The Black-Boxed Ideology of AWE

Antonio Hamilton and Finola McMahon

An Ideology of Black-Boxing

Black-boxing is at the heart of many computer programs. The following is general description of black-boxing, according to Latour (1999):

An expression…that refers to the way scientific and technical work is made invisible by its own success. When a machine runs efficiently, when a matter of fact is settled, one need focus only on its inputs and outputs and not on its internal complexity. Thus, paradoxically, the more science and technology succeed, the more opaque and obscure they become. (p. 304)

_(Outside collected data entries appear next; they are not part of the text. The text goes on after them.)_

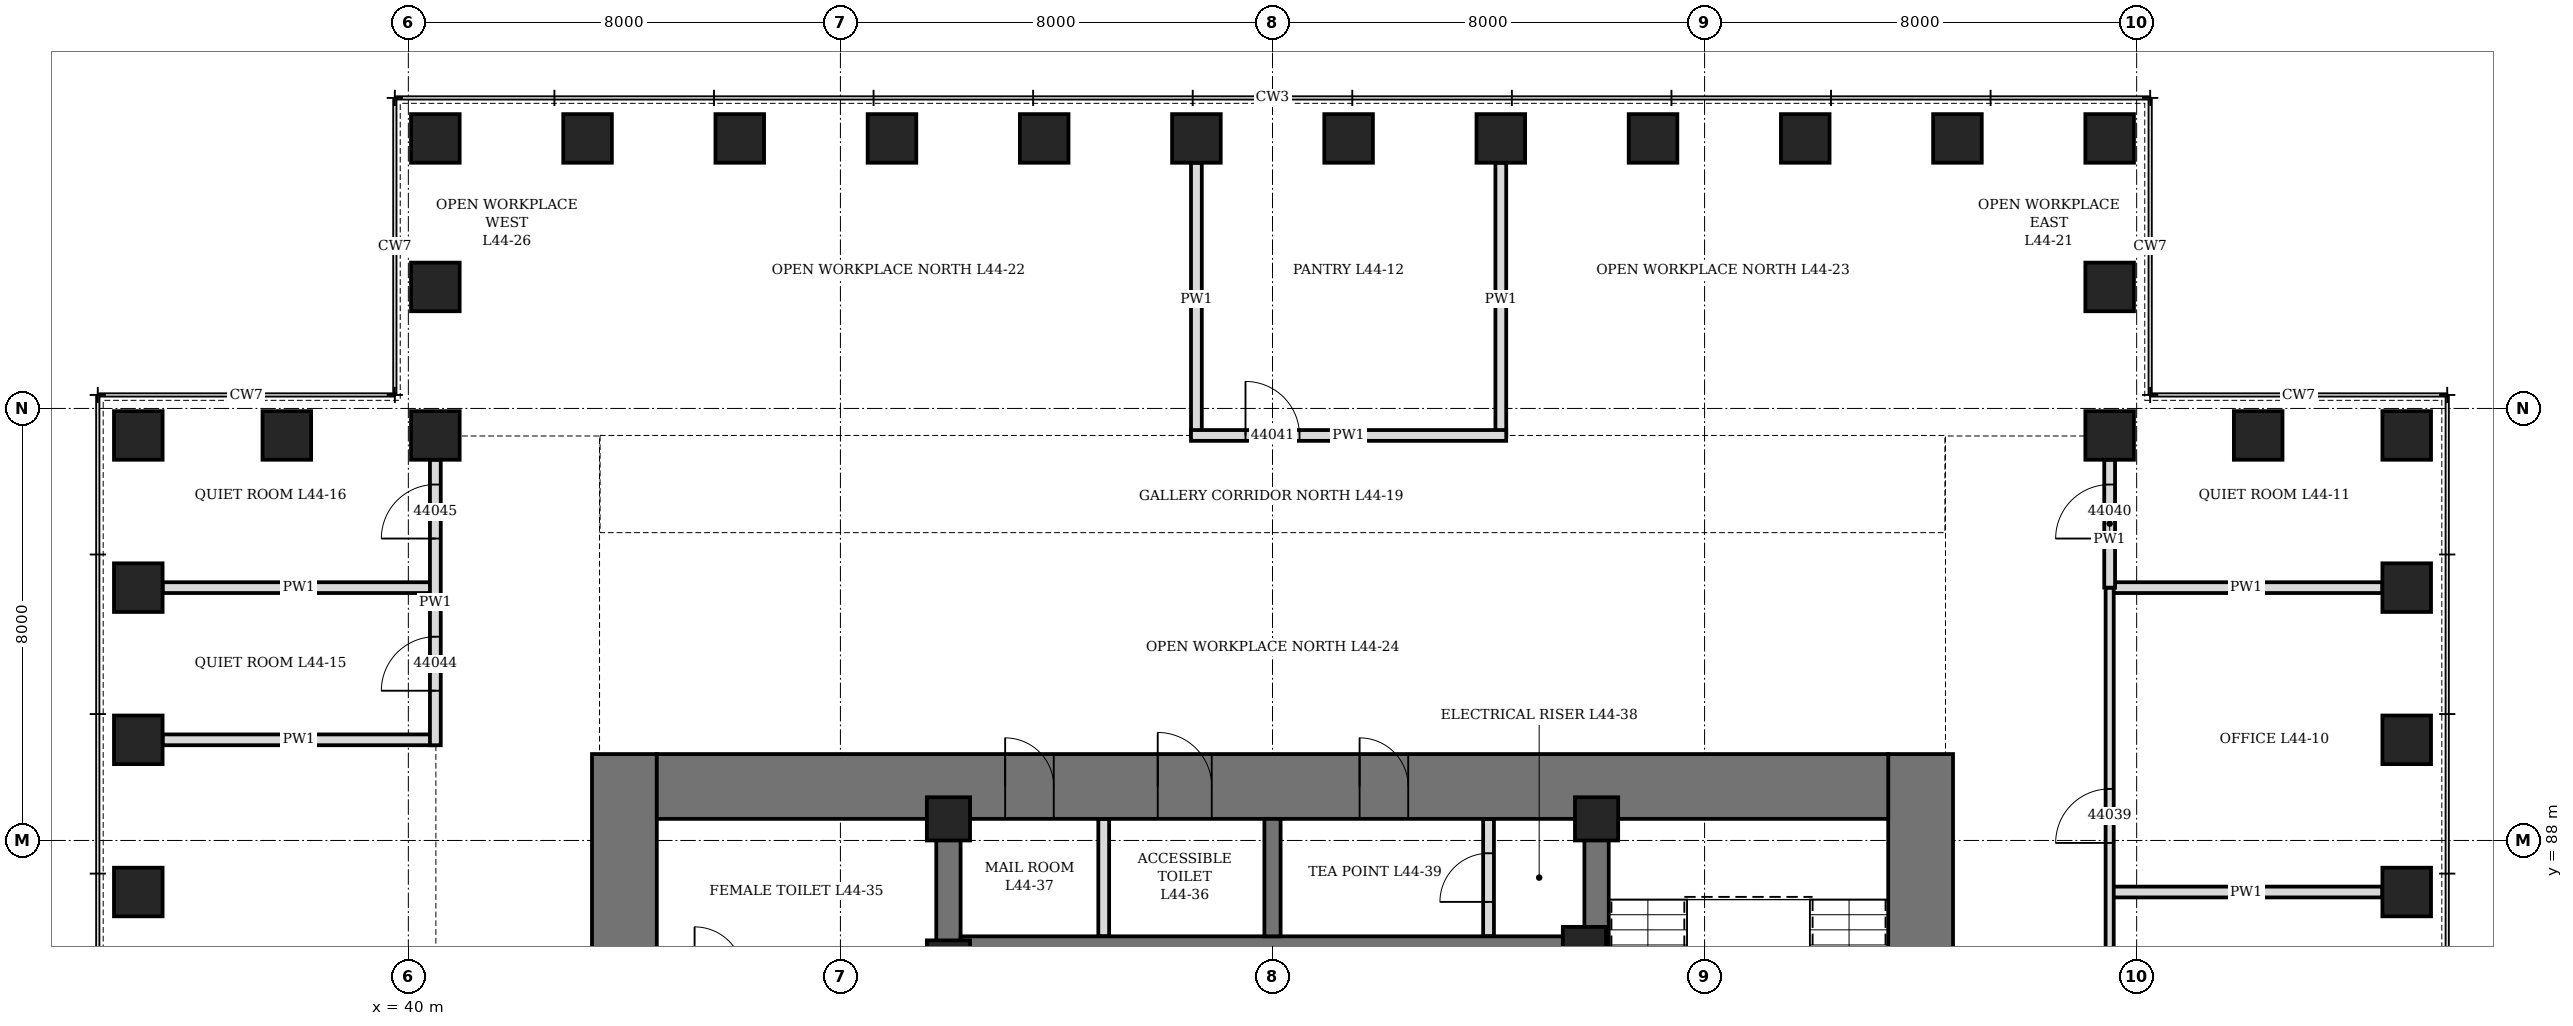
"""IFC4 building model, lengths in metres.
Left out: names, types, materials, properties, quantities, classifications, styles, units other than length and angle.
Written with IfcOpenShell. Run it as: python <this file> out.ifc"""

import sys

from ifc_helpers import new_model, si_unit, direction, frame, frame_2d, origin, origin_2d, place, context, subcontext, project, spatial, rectangle, hollow_rectangle, extrude, element, fill, save


model = new_model("IFC4")
c1 = context("Model", 3, precision=1e-05, world=origin(), true_north=direction((0.0, 1.0)))
c2 = subcontext(c1, "Body", "Model", "MODEL_VIEW")
j1 = project(units=[si_unit("LENGTHUNIT", "METRE"), si_unit("PLANEANGLEUNIT", "RADIAN")], contexts=[c1])
p1 = place(None, origin())
s1 = spatial("IfcSite", under=j1, at=p1, CompositionType="ELEMENT")
p2 = place(p1, origin())
s2 = spatial("IfcBuilding", under=s1, at=p2, CompositionType="ELEMENT")
p3 = place(p2, frame((0.0, 0.0, 198.1)))
s3 = spatial("IfcBuildingStorey", under=s2, at=p3, CompositionType="ELEMENT", Elevation=198.1)
for number, where, z_axis, x_axis in (
    (1, (77.0, 87.045, 0.0), (0.0, 0.0, 1.0), (0.0, 1.0, 0.0)),
    (2, (77.0, 89.864, 0.0), (0.0, 0.0, 1.0), (0.0, 1.0, 0.0)),
    (3, (77.0, 92.682, 0.0), (0.0, 0.0, 1.0), (0.0, 1.0, 0.0)),
    (4, (77.0, 95.5, 0.0), (0.0, 0.0, 1.0), (1.0, 0.0, 0.0)),
    (5, (74.25, 95.5, 0.0), (0.0, 0.0, 1.0), (1.0, 0.0, 0.0)),
    (6, (71.5, 95.5, 0.0), (0.0, 0.0, 1.0), (0.0, 1.0, 0.0)),
    (7, (71.5, 98.25, 0.0), (0.0, 0.0, 1.0), (0.0, 1.0, 0.0)),
    (8, (71.5, 101.0, 0.0), (0.0, 0.0, 1.0), (1.0, 0.0, 0.0)),
    (9, (68.682, 101.0, 0.0), (0.0, 0.0, 1.0), (1.0, 0.0, 0.0)),
    (10, (65.864, 101.0, 0.0), (0.0, 0.0, 1.0), (1.0, 0.0, 0.0)),
    (11, (63.045, 101.0, 0.0), (0.0, 0.0, 1.0), (1.0, 0.0, 0.0)),
    (12, (60.227, 101.0, 0.0), (0.0, 0.0, 1.0), (1.0, 0.0, 0.0)),
    (13, (57.409, 101.0, 0.0), (0.0, 0.0, 1.0), (1.0, 0.0, 0.0)),
    (14, (54.591, 101.0, 0.0), (0.0, 0.0, 1.0), (1.0, 0.0, 0.0)),
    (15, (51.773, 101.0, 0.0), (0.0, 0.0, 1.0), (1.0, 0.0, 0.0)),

While Latour's work is well known in and outside Writing Studies, the key words in this passage are opaque and obscure, as they refer directly to machinic processes becoming settled, accepted, and overlooked. Writing studies scholar Francher (2021) develops a similar definition, writing "Blackboxing occurs any time complex technologies are used without questioning or understanding the design choices, thereby allowing the technology to be a mystery to the user" (par. 2). Both definitions highlight different aspects of black-boxing that we argue are operationalized in AWE. First, black-boxing is a structural force in Latour's conception; science and large-scale forces become successful and therefore do not need to explain themselves. Second, in Francher's definition, black-boxing is user centric, with design being foregrounded. With regards to AWE, black-boxing is both a centripetal and centrifugal force; it coerces users to think about technologies without critiquing them while the programmers can stand back and understand how the users are reacting to the program's force.

Black-boxing of this kind is thus highly ideological by means of opacity, a key concept elaborated upon by information scientist Jenna Burrell (2016). Burrell defines opacity as follows:

Opacity seems to be at the very heart of new concerns about ‘algorithms' among legal scholars and social scientists. The algorithms in question operate on data. Using this data as input, they produce an output; specifically, a classification (i.e. whether to give an applicant a loan, or whether to tag an email as spam). They are opaque in the sense that if one is a recipient of the output of the algorithm (the classification decision), rarely does one have any concrete sense of how or why a particular classification has been arrived at from inputs. Additionally, the inputs them- selves may be entirely unknown or known only partially. The question naturally arises, what are the reasons for this state of not knowing? Is it because the algorithm is proprietary? Because it is complex or highly technical? Or are there, perhaps, other reasons? (p. 1)

For our purposes in this chapter, Burrell goes on to identify two ways that opacity functions to obscure or obfuscate understandings of black-boxes. First, opacity occurs because of proprietary reasons. Burrell writes, "The opacity of algorithms, according to Pasquale [2015], could be attributed to willful self-protection by corporations in the name of competitive advantage, but this could also be a cover for a new form of concealing sidestepped regulations, the manipulation of consumers, and/or patterns of discrimination" (p. 4). Writing Studies researcher Kevin Brock (2019) too has noted this defensive posture of companies in his book around rhetoric in computer code: "[software] services are simply used by consumers as black boxes rather than distributed to them as standalone programs. That is, it is possible—and often profitable—to build fences and walls around the ‘free' software supposedly accessible to any interested party" (p. 86; emphasis in original). To extend Burrell and Brock, proprietary reasons could be simply a function of capitalist competition or, more ethically dubious, an attempt to skirt governmental regulations.

Second, opacity can occur through technical illiteracy, or the framing of "...writing (and reading) code and the design of algorithms is a specialized skill" (Burrell, 2016, p. 4). Others in Writing Studies have noted the functional and mechanical biases of algorithms (Brock and Shepherd, 2016, p. 22; Charlton, 2014; Johnson, 2020). For example, black-boxing occurs because programmers do not wish to explain their mathematical models to laypeople.

While Burrell (2016) explains that opacity can also occur because machines process information differently than human beings (p. 4-6), we focus on the proprietary and technical illiteracy reasons. Following the idea that "Burrell's argument helps Writing Studies researchers to demystify algorithms when they are black boxed" (Gallagher, 2020, p. 3), we aim to examine AWE and the constitutive components through a qualitative investigation. More specifically, we want to "unbox" the black-boxes of AWE to reveal how some of their inner workings function. As such we propose the following research question:

  • RQ1) What are the ways that AWE software companies black-box their software?

To answer this question, we set about analyzing the features, AI technology descriptions, and accessibility of these programs. Thus our second research question is as follows:

  • RQ2) What are the assessment features of AWE software and what are the commonalities and differences between them?

With these questions in mind, we began our process to potentially "unbox" and/or make the case for the "unboxing" of AWE programs that try to obfuscate their functionality for questionable reasons this chapter will explore. Understanding these moments of opacity within AWE programs will better help us to determine the place of automated writing software alongside or as an alternative to instructor-based writing assessment.